# Wild Hog Loin Backs



## Captain Morgan (Jan 29, 2006)

my neighbor invited me over to eat some of these he caught..
his deal, so we're steaming on a gasser for a while, then indirect over
wood chips to finish...By the way, if you don't hear from me tomorrow, feed Jake.










These were off 50 pounders...look like little Danish ribs...more to come.


----------



## Green Hornet (Jan 29, 2006)

Looks tastey.Not a lot of fat on the wild ones! What is the marinade? How long you going to steam em?


----------



## LarryWolfe (Jan 29, 2006)

Captain Morgan said:
			
		

> my neighbor invited me over to eat some of *these he caught*..
> his deal, so we're steaming on a gasser for a while, then indirect over
> wood chips to finish...By the way, if you don't hear from me tomorrow, feed Jake.
> 
> These were off 50 pounders...look like little Danish ribs...more to come.

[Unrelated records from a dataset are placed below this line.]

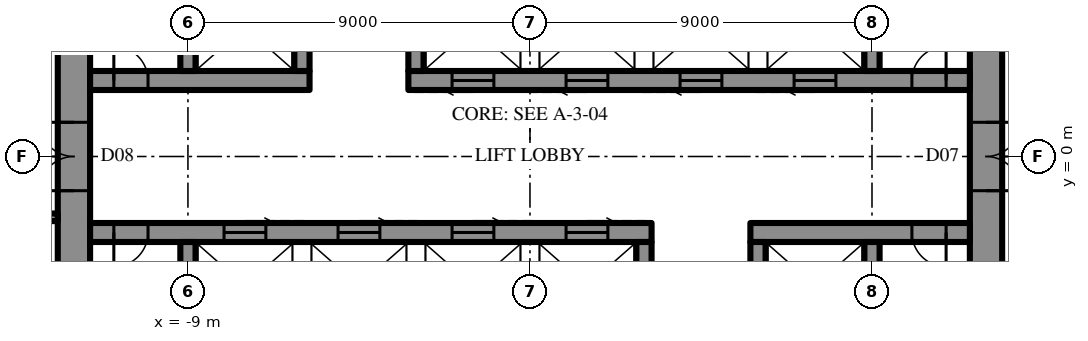
"""IFC4 building model, lengths in metres.
Left out: names, types, materials, properties, quantities, classifications, styles, units other than length and angle.
Written with IfcOpenShell. Run it as: python <this file> out.ifc"""

import sys

from ifc_helpers import new_model, si_unit, direction, frame, frame_2d, origin, place, context, subcontext, project, spatial, rectangle, extrude, element, fill, save


model = new_model("IFC4")
c1 = context("Model", 3, precision=1e-05, world=origin(), true_north=direction((0.0, 1.0)))
c2 = subcontext(c1, "Body", "Model", "MODEL_VIEW")
j1 = project(units=[si_unit("LENGTHUNIT", "METRE"), si_unit("PLANEANGLEUNIT", "RADIAN")], contexts=[c1])
p1 = place(None, origin())
s1 = spatial("IfcSite", under=j1, at=p1, CompositionType="ELEMENT")
p2 = place(p1, origin())
s2 = spatial("IfcBuilding", under=s1, at=p2, CompositionType="ELEMENT")
p3 = place(p2, frame((0.0, 0.0, 353.5)))
s3 = spatial("IfcBuildingStorey", under=s2, at=p3, CompositionType="ELEMENT", Elevation=353.5)
p4 = place(p3, frame((12.0, -10.7, 0.0), z_axis=(0.0, 0.0, 1.0), x_axis=(0.0, 1.0, 0.0)))
e1 = element("IfcWall", 1, at=p4, inside=s3, PredefinedType="SHEAR", context=c2, shape_type="SweptSolid", body=[
    extrude(rectangle(XDim=21.4, YDim=0.85, at=frame_2d((10.7, 0.0))), origin(), (0.0, 0.0, 1.0), 4.2),
])
p5 = place(p4, frame((9.8, 0.0, 0.0)))
e2 = element("IfcOpeningElement", 2, at=p5, cuts=e1, PredefinedType="OPENING", context=c2, shape_type="SweptSolid", body=[
    extrude(rectangle(XDim=1.8, YDim=2.4, at=frame_2d((0.9, 1.2))), frame((0.0, 0.435, 0.0), z_axis=(0.0, -1.0, 0.0), x_axis=(1.0, 0.0, 0.0)), (0.0, 0.0, 1.0), 0.87),
])
p6 = place(p3, frame((-12.0, 10.7, 0.0), z_axis=(0.0, 0.0, 1.0), x_axis=(0.0, -1.0, 0.0)))
e3 = element("IfcWall", 3, at=p6, inside=s3, PredefinedType="SHEAR", context=c2, shape_type="SweptSolid", body=[
    extrude(rectangle(XDim=21.4, YDim=0.85, at=frame_2d((10.7, 0.0))), origin(), (0.0, 0.0, 1.0), 4.2),
])
p7 = place(p6, frame((9.8, 0.0, 0.0)))
e4 = element("IfcOpeningElement", 4, at=p7, cuts=e3, PredefinedType="OPENING", context=c2, shape_type="SweptSolid", body=[
    extrude(rectangle(XDim=1.8, YDim=2.4, at=frame_2d((0.9, 1.2))), frame((0.0, 0.435, 0.0), z_axis=(0.0, -1.0, 0.0), x_axis=(1.0, 0.0, 0.0)), (0.0, 0.0, 1.0), 0.87),
])
p8 = place(p3, frame((-11.575, 2.0, 0.0), z_axis=(0.0, 0.0, 1.0), x_axis=(1.0, 0.0, 0.0)))
e5 = element("IfcWall", 5, at=p8, inside=s3, PredefinedType="SHEAR", context=c2, shape_type="SweptSolid", body=[
    extrude(rectangle(XDim=5.775, YDim=0.5, at=frame_2d((2.887, 0.0))), origin(), (0.0, 0.0, 1.0), 4.2),
])
p9 = place(p8, frame((0.625, 0.0, 0.0)))
e6 = element("IfcOpeningElement", 6, at=p9, cuts=e5, PredefinedType="OPENING", context=c2, shape_type="SweptSolid", body=[
    extrude(rectangle(XDim=0.9, YDim=2.2, at=frame_2d((0.45, 1.1))), frame((0.0, 0.26, 0.0), z_axis=(0.0, -1.0, 0.0), x_axis=(1.0, 0.0, 0.0)), (0.0, 0.0, 1.0), 0.52),
])
p10 = place(p3, frame((-3.2, 2.0, 0.0), z_axis=(0.0, 0.0, 1.0), x_axis=(1.0, 0.0, 0.0)))
e7 = element("IfcWall", 7, at=p10, inside=s3, PredefinedType="SHEAR", context=c2, shape_type="SweptSolid", body=[
    extrude(rectangle(XDim=14.775, YDim=0.5, at=frame_2d((7.387, 0.0))), origin(), (0.0, 0.0, 1.0), 4.2),
])
p11 = place(p10, frame((13.25, 0.0, 0.0)))
e8 = element("IfcOpeningElement", 8, at=p11, cuts=e7, PredefinedType="OPENING", context=c2, shape_type="SweptSolid", body=[
    extrude(rectangle(XDim=0.9, YDim=2.2, at=frame_2d((0.45, 1.1))), frame((0.0, 0.26, 0.0), z_axis=(0.0, -1.0, 0.0), x_axis=(1.0, 0.0, 0.0)), (0.0, 0.0, 1.0), 0.52),
])
p12 = place(p10, frame((1.15, 0.0, 0.0)))
e9 = element("IfcOpeningElement", 9, at=p12, cuts=e7, PredefinedType="OPENING", context=c2, shape_type="SweptSolid", body=[
    extrude(rectangle(XDim=1.1, YDim=2.2, at=frame_2d((0.55, 1.1))), frame((0.0, 0.26, 0.0), z_axis=(0.0, -1.0, 0.0), x_axis=(1.0, 0.0, 0.0)), (0.0, 0.0, 1.0), 0.52),
])
p13 = place(p10, frame((4.15, 0.0, 0.0)))
e10 = element("IfcOpeningElement", 10, at=p13, cuts=e7, PredefinedType="OPENING", context=c2, shape_type="SweptSolid", body=[
    extrude(rectangle(XDim=1.1, YDim=2.2, at=frame_2d((0.55, 1.1))), frame((0.0, 0.26, 0.0), z_axis=(0.0, -1.0, 0.0), x_axis=(1.0, 0.0, 0.0)), (0.0, 0.0, 1.0), 0.52),
])
p14 = place(p10, frame((7.15, 0.0, 0.0)))
e11 = element("IfcOpeningElement", 11, at=p14, cuts=e7, PredefinedType="OPENING", context=c2, shape_type="SweptSolid", body=[
    extrude(rectangle(XDim=1.1, YDim=2.2, at=frame_2d((0.55, 1.1))), frame((0.0, 0.26, 0.0), z_axis=(0.0, -1.0, 0.0), x_axis=(1.0, 0.0, 0.0)), (0.0, 0.0, 1.0), 0.52),
])
p15 = place(p10, frame((10.15, 0.0, 0.0)))
e12 = element("IfcOpeningElement", 12, at=p15, cuts=e7, PredefinedType="OPENING", context=c2, shape_type="SweptSolid", body=[
    extrude(rectangle(XDim=1.1, YDim=2.2, at=frame_2d((0.55, 1.1))), frame((0.0, 0.26, 0.0), z_axis=(0.0, -1.0, 0.0), x_axis=(1.0, 0.0, 0.0)), (0.0, 0.0, 1.0), 0.52),
])
for number, where, z_axis, x_axis in (
    (13, (-9.0, 2.25, 0.0), (0.0, 0.0, 1.0), (0.0, 1.0, 0.0)),
    (14, (-6.0, 2.25, 0.0), (0.0, 0.0, 1.0), (0.0, 1.0, 0.0)),
    (15, (-3.0, 2.25, 0.0), (0.0, 0.0, 1.0), (0.0, 1.0, 0.0)),
    (16, (9.0, 2.25, 0.0), (0.0, 0.0, 1.0), (0.0, 1.0, 0.0)),
):
    element("IfcWall", number, at=place(p3, frame(where, z_axis=z_axis, x_axis=x_axis)), inside=s3, PredefinedType="SHEAR", context=c2, shape_type="SweptSolid", body=[
        extrude(rectangle(XDim=2.3, YDim=0.4, at=frame_2d((1.15, 0.0))), origin(), (0.0, 0.0, 1.0), 4.2),
    ])
p16 = place(p3, frame((11.575, -2.0, 0.0), z_axis=(0.0, 0.0, 1.0), x_axis=(-1.0, 0.0, 0.0)))
e17 = element("IfcWall", 17, at=p16, inside=s3, PredefinedType="SHEAR", context=c2, shape_type="SweptSolid", body=[
    extrude(rectangle(XDim=5.775, YDim=0.5, at=frame_2d((2.887, 0.0))), origin(), (0.0, 0.0, 1.0), 4.2),
])
p17 = place(p16, frame((0.625, 0.0, 0.0)))
e18 = element("IfcOpeningElement", 18, at=p17, cuts=e17, PredefinedType="OPENING", context=c2, shape_type="SweptSolid", body=[
    extrude(rectangle(XDim=0.9, YDim=2.2, at=frame_2d((0.45, 1.1))), frame((0.0, 0.26, 0.0), z_axis=(0.0, -1.0, 0.0), x_axis=(1.0, 0.0, 0.0)), (0.0, 0.0, 1.0), 0.52),
])
p18 = place(p3, frame((3.2, -2.0, 0.0), z_axis=(0.0, 0.0, 1.0), x_axis=(-1.0, 0.0, 0.0)))
e19 = element("IfcWall", 19, at=p18, inside=s3, PredefinedType="SHEAR", context=c2, shape_type="SweptSolid", body=[
    extrude(rectangle(XDim=14.775, YDim=0.5, at=frame_2d((7.387, 0.0))), origin(), (0.0, 0.0, 1.0), 4.2),
])
p19 = place(p18, frame((13.25, 0.0, 0.0)))
e20 = element("IfcOpeningElement", 20, at=p19, cuts=e19, PredefinedType="OPENING", context=c2, shape_type="SweptSolid", body=[
    extrude(rectangle(XDim=0.9, YDim=2.2, at=frame_2d((0.45, 1.1))), frame((0.0, 0.26, 0.0), z_axis=(0.0, -1.0, 0.0), x_axis=(1.0, 0.0, 0.0)), (0.0, 0.0, 1.0), 0.52),
])
p20 = place(p18, frame((1.15, 0.0, 0.0)))
e21 = element("IfcOpeningElement", 21, at=p20, cuts=e19, PredefinedType="OPENING", context=c2, shape_type="SweptSolid", body=[
    extrude(rectangle(XDim=1.1, YDim=2.2, at=frame_2d((0.55, 1.1))), frame((0.0, 0.26, 0.0), z_axis=(0.0, -1.0, 0.0), x_axis=(1.0, 0.0, 0.0)), (0.0, 0.0, 1.0), 0.52),
])
p21 = place(p18, frame((4.15, 0.0, 0.0)))
e22 = element("IfcOpeningElement", 22, at=p21, cuts=e19, PredefinedType="OPENING", context=c2, shape_type="SweptSolid", body=[
    extrude(rectangle(XDim=1.1, YDim=2.2, at=frame_2d((0.55, 1.1))), frame((0.0, 0.26, 0.0), z_axis=(0.0, -1.0, 0.0), x_axis=(1.0, 0.0, 0.0)), (0.0, 0.0, 1.0), 0.52),
])
p22 = place(p18, frame((7.15, 0.0, 0.0)))
e23 = element("IfcOpeningElement", 23, at=p22, cuts=e19, PredefinedType="OPENING", context=c2, shape_type="SweptSolid", body=[
    extrude(rectangle(XDim=1.1, YDim=2.2, at=frame_2d((0.55, 1.1))), frame((0.0, 0.26, 0.0), z_axis=(0.0, -1.0, 0.0), x_axis=(1.0, 0.0, 0.0)), (0.0, 0.0, 1.0), 0.52),
])
p23 = place(p18, frame((10.15, 0.0, 0.0)))
e24 = element("IfcOpeningElement", 24, at=p23, cuts=e19, PredefinedType="OPENING", context=c2, shape_type="SweptSolid", body=[
    extrude(rectangle(XDim=1.1, YDim=2.2, at=frame_2d((0.55, 1.1))), frame((0.0, 0.26, 0.0), z_axis=(0.0, -1.0, 0.0), x_axis=(1.0, 0.0, 0.0)), (0.0, 0.0, 1.0), 0.52),
])
for number, where, z_axis, x_axis in (
    (25, (9.0, -2.25, 0.0), (0.0, 0.0, 1.0), (0.0, -1.0, 0.0)),
    (26, (6.0, -2.25, 0.0), (0.0, 0.0, 1.0), (0.0, -1.0, 0.0)),
    (27, (3.0, -2.25, 0.0), (0.0, 0.0, 1.0), (0.0, -1.0, 0.0)),
    (28, (-9.0, -2.25, 0.0), (0.0, 0.0, 1.0), (0.0, -1.0, 0.0)),
):
    element("IfcWall", number, at=place(p3, frame(where, z_axis=z_axis, x_axis=x_axis)), inside=s3, PredefinedType="SHEAR", context=c2, shape_type="SweptSolid", body=[
        extrude(rectangle(XDim=2.3, YDim=0.4, at=frame_2d((1.15, 0.0))), origin(), (0.0, 0.0, 1.0), 4.2),
    ])
p24 = place(p3, frame((-12.425, -1.6, 0.0), z_axis=(0.0, 0.0, 1.0), x_axis=(-1.0, 0.0, 0.0)))
e29 = element("IfcWall", 29, at=p24, inside=s3, PredefinedType="PARTITIONING", context=c2, shape_type="SweptSolid", body=[
    extrude(rectangle(XDim=16.5, YDim=0.2, at=frame_2d((8.25, 0.0))), origin(), (0.0, 0.0, 1.0), 4.0),
])
p25 = place(p24, frame((1.15, 0.0, 0.0)))
e30 = element("IfcOpeningElement", 30, at=p25, cuts=e29, PredefinedType="OPENING", context=c2, shape_type="SweptSolid", body=[
    extrude(rectangle(XDim=1.0, YDim=2.2, at=frame_2d((0.5, 1.1))), frame((0.0, 0.11, 0.0), z_axis=(0.0, -1.0, 0.0), x_axis=(1.0, 0.0, 0.0)), (0.0, 0.0, 1.0), 0.22),
])
p26 = place(p5, frame((1.8, 0.0, 0.0), z_axis=(0.0, 0.0, 1.0), x_axis=(-1.0, 0.0, 0.0)))
e31 = element("IfcDoor", 31, at=p26, inside=s3, OperationType="DOUBLE_DOOR_SINGLE_SWING", PredefinedType="DOOR", context=c2, shape_type="SweptSolid", body=[
    extrude(rectangle(XDim=1.8, YDim=2.4, at=frame_2d((0.9, 1.2))), frame((0.0, 0.025, 0.0), z_axis=(0.0, -1.0, 0.0), x_axis=(1.0, 0.0, 0.0)), (0.0, 0.0, 1.0), 0.05),
])
fill(e2, e31)
p27 = place(p7, frame((1.8, 0.0, 0.0), z_axis=(0.0, 0.0, 1.0), x_axis=(-1.0, 0.0, 0.0)))
e32 = element("IfcDoor", 32, at=p27, inside=s3, OperationType="DOUBLE_DOOR_SINGLE_SWING", PredefinedType="DOOR", context=c2, shape_type="SweptSolid", body=[
    extrude(rectangle(XDim=1.8, YDim=2.4, at=frame_2d((0.9, 1.2))), frame((0.0, 0.025, 0.0), z_axis=(0.0, -1.0, 0.0), x_axis=(1.0, 0.0, 0.0)), (0.0, 0.0, 1.0), 0.05),
])
fill(e4, e32)
p28 = place(p9, origin())
e33 = element("IfcDoor", 33, at=p28, inside=s3, OperationType="SINGLE_SWING_RIGHT", PredefinedType="DOOR", context=c2, shape_type="SweptSolid", body=[
    extrude(rectangle(XDim=0.9, YDim=2.2, at=frame_2d((0.45, 1.1))), frame((0.0, 0.025, 0.0), z_axis=(0.0, -1.0, 0.0), x_axis=(1.0, 0.0, 0.0)), (0.0, 0.0, 1.0), 0.05),
])
fill(e6, e33)
p29 = place(p11, origin())
e34 = element("IfcDoor", 34, at=p29, inside=s3, OperationType="SINGLE_SWING_LEFT", PredefinedType="DOOR", context=c2, shape_type="SweptSolid", body=[
    extrude(rectangle(XDim=0.9, YDim=2.2, at=frame_2d((0.45, 1.1))), frame((0.0, 0.025, 0.0), z_axis=(0.0, -1.0, 0.0), x_axis=(1.0, 0.0, 0.0)), (0.0, 0.0, 1.0), 0.05),
])
fill(e8, e34)
p30 = place(p17, origin())
e35 = element("IfcDoor", 35, at=p30, inside=s3, OperationType="SINGLE_SWING_RIGHT", PredefinedType="DOOR", context=c2, shape_type="SweptSolid", body=[
    extrude(rectangle(XDim=0.9, YDim=2.2, at=frame_2d((0.45, 1.1))), frame((0.0, 0.025, 0.0), z_axis=(0.0, -1.0, 0.0), x_axis=(1.0, 0.0, 0.0)), (0.0, 0.0, 1.0), 0.05),
])
fill(e18, e35)
p31 = place(p19, origin())
e36 = element("IfcDoor", 36, at=p31, inside=s3, OperationType="SINGLE_SWING_LEFT", PredefinedType="DOOR", context=c2, shape_type="SweptSolid", body=[
    extrude(rectangle(XDim=0.9, YDim=2.2, at=frame_2d((0.45, 1.1))), frame((0.0, 0.025, 0.0), z_axis=(0.0, -1.0, 0.0), x_axis=(1.0, 0.0, 0.0)), (0.0, 0.0, 1.0), 0.05),
])
fill(e20, e36)
p32 = place(p12, frame((1.1, 0.0, 0.0), z_axis=(0.0, 0.0, 1.0), x_axis=(-1.0, 0.0, 0.0)))
e37 = element("IfcDoor", 37, at=p32, inside=s3, OperationType="SLIDING_TO_LEFT", PredefinedType="DOOR", context=c2, shape_type="SweptSolid", body=[
    extrude(rectangle(XDim=1.1, YDim=2.2, at=frame_2d((0.55, 1.1))), frame((0.0, 0.025, 0.0), z_axis=(0.0, -1.0, 0.0), x_axis=(1.0, 0.0, 0.0)), (0.0, 0.0, 1.0), 0.05),
])
fill(e9, e37)
p33 = place(p13, frame((1.1, 0.0, 0.0), z_axis=(0.0, 0.0, 1.0), x_axis=(-1.0, 0.0, 0.0)))
e38 = element("IfcDoor", 38, at=p33, inside=s3, OperationType="SLIDING_TO_LEFT", PredefinedType="DOOR", context=c2, shape_type="SweptSolid", body=[
    extrude(rectangle(XDim=1.1, YDim=2.2, at=frame_2d((0.55, 1.1))), frame((0.0, 0.025, 0.0), z_axis=(0.0, -1.0, 0.0), x_axis=(1.0, 0.0, 0.0)), (0.0, 0.0, 1.0), 0.05),
])
fill(e10, e38)
p34 = place(p14, frame((1.1, 0.0, 0.0), z_axis=(0.0, 0.0, 1.0), x_axis=(-1.0, 0.0, 0.0)))
e39 = element("IfcDoor", 39, at=p34, inside=s3, OperationType="SLIDING_TO_LEFT", PredefinedType="DOOR", context=c2, shape_type="SweptSolid", body=[
    extrude(rectangle(XDim=1.1, YDim=2.2, at=frame_2d((0.55, 1.1))), frame((0.0, 0.025, 0.0), z_axis=(0.0, -1.0, 0.0), x_axis=(1.0, 0.0, 0.0)), (0.0, 0.0, 1.0), 0.05),
])
fill(e11, e39)
p35 = place(p15, frame((1.1, 0.0, 0.0), z_axis=(0.0, 0.0, 1.0), x_axis=(-1.0, 0.0, 0.0)))
e40 = element("IfcDoor", 40, at=p35, inside=s3, OperationType="SLIDING_TO_LEFT", PredefinedType="DOOR", context=c2, shape_type="SweptSolid", body=[
    extrude(rectangle(XDim=1.1, YDim=2.2, at=frame_2d((0.55, 1.1))), frame((0.0, 0.025, 0.0), z_axis=(0.0, -1.0, 0.0), x_axis=(1.0, 0.0, 0.0)), (0.0, 0.0, 1.0), 0.05),
])
fill(e12, e40)
p36 = place(p20, frame((1.1, 0.0, 0.0), z_axis=(0.0, 0.0, 1.0), x_axis=(-1.0, 0.0, 0.0)))
e41 = element("IfcDoor", 41, at=p36, inside=s3, OperationType="SLIDING_TO_LEFT", PredefinedType="DOOR", context=c2, shape_type="SweptSolid", body=[
    extrude(rectangle(XDim=1.1, YDim=2.2, at=frame_2d((0.55, 1.1))), frame((0.0, 0.025, 0.0), z_axis=(0.0, -1.0, 0.0), x_axis=(1.0, 0.0, 0.0)), (0.0, 0.0, 1.0), 0.05),
])
fill(e21, e41)
p37 = place(p21, frame((1.1, 0.0, 0.0), z_axis=(0.0, 0.0, 1.0), x_axis=(-1.0, 0.0, 0.0)))
e42 = element("IfcDoor", 42, at=p37, inside=s3, OperationType="SLIDING_TO_LEFT", PredefinedType="DOOR", context=c2, shape_type="SweptSolid", body=[
    extrude(rectangle(XDim=1.1, YDim=2.2, at=frame_2d((0.55, 1.1))), frame((0.0, 0.025, 0.0), z_axis=(0.0, -1.0, 0.0), x_axis=(1.0, 0.0, 0.0)), (0.0, 0.0, 1.0), 0.05),
])
fill(e22, e42)
p38 = place(p22, frame((1.1, 0.0, 0.0), z_axis=(0.0, 0.0, 1.0), x_axis=(-1.0, 0.0, 0.0)))
e43 = element("IfcDoor", 43, at=p38, inside=s3, OperationType="SLIDING_TO_LEFT", PredefinedType="DOOR", context=c2, shape_type="SweptSolid", body=[
    extrude(rectangle(XDim=1.1, YDim=2.2, at=frame_2d((0.55, 1.1))), frame((0.0, 0.025, 0.0), z_axis=(0.0, -1.0, 0.0), x_axis=(1.0, 0.0, 0.0)), (0.0, 0.0, 1.0), 0.05),
])
fill(e23, e43)
p39 = place(p23, frame((1.1, 0.0, 0.0), z_axis=(0.0, 0.0, 1.0), x_axis=(-1.0, 0.0, 0.0)))
e44 = element("IfcDoor", 44, at=p39, inside=s3, OperationType="SLIDING_TO_LEFT", PredefinedType="DOOR", context=c2, shape_type="SweptSolid", body=[
    extrude(rectangle(XDim=1.1, YDim=2.2, at=frame_2d((0.55, 1.1))), frame((0.0, 0.025, 0.0), z_axis=(0.0, -1.0, 0.0), x_axis=(1.0, 0.0, 0.0)), (0.0, 0.0, 1.0), 0.05),
])
fill(e24, e44)
save(model, sys.argv[1])

I love it when people say that!  Looks to me like he killed it!


----------



## Green Hornet (Jan 29, 2006)

NNNNICE Larry!
Down here a lot of the locals catch em wild in pens when they are small like that and fatten them up on grain and junk from the veggie stands. Till they get a lil plumper.


----------



## Captain Morgan (Jan 29, 2006)

I didn't see any marinade...hoping he asks me for some advice to finish em!


----------



## LarryWolfe (Jan 29, 2006)

Captain Morgan said:
			
		

> I didn't see any marinade...hoping he asks me for some advice to finish em!



It the pic's you posted Cappy it sure looks like they are in a marinade of some sort????


----------



## Captain Morgan (Jan 29, 2006)

That would be water...he's steaming them on the grill to start with.
I'll check and see if there's anything else in there.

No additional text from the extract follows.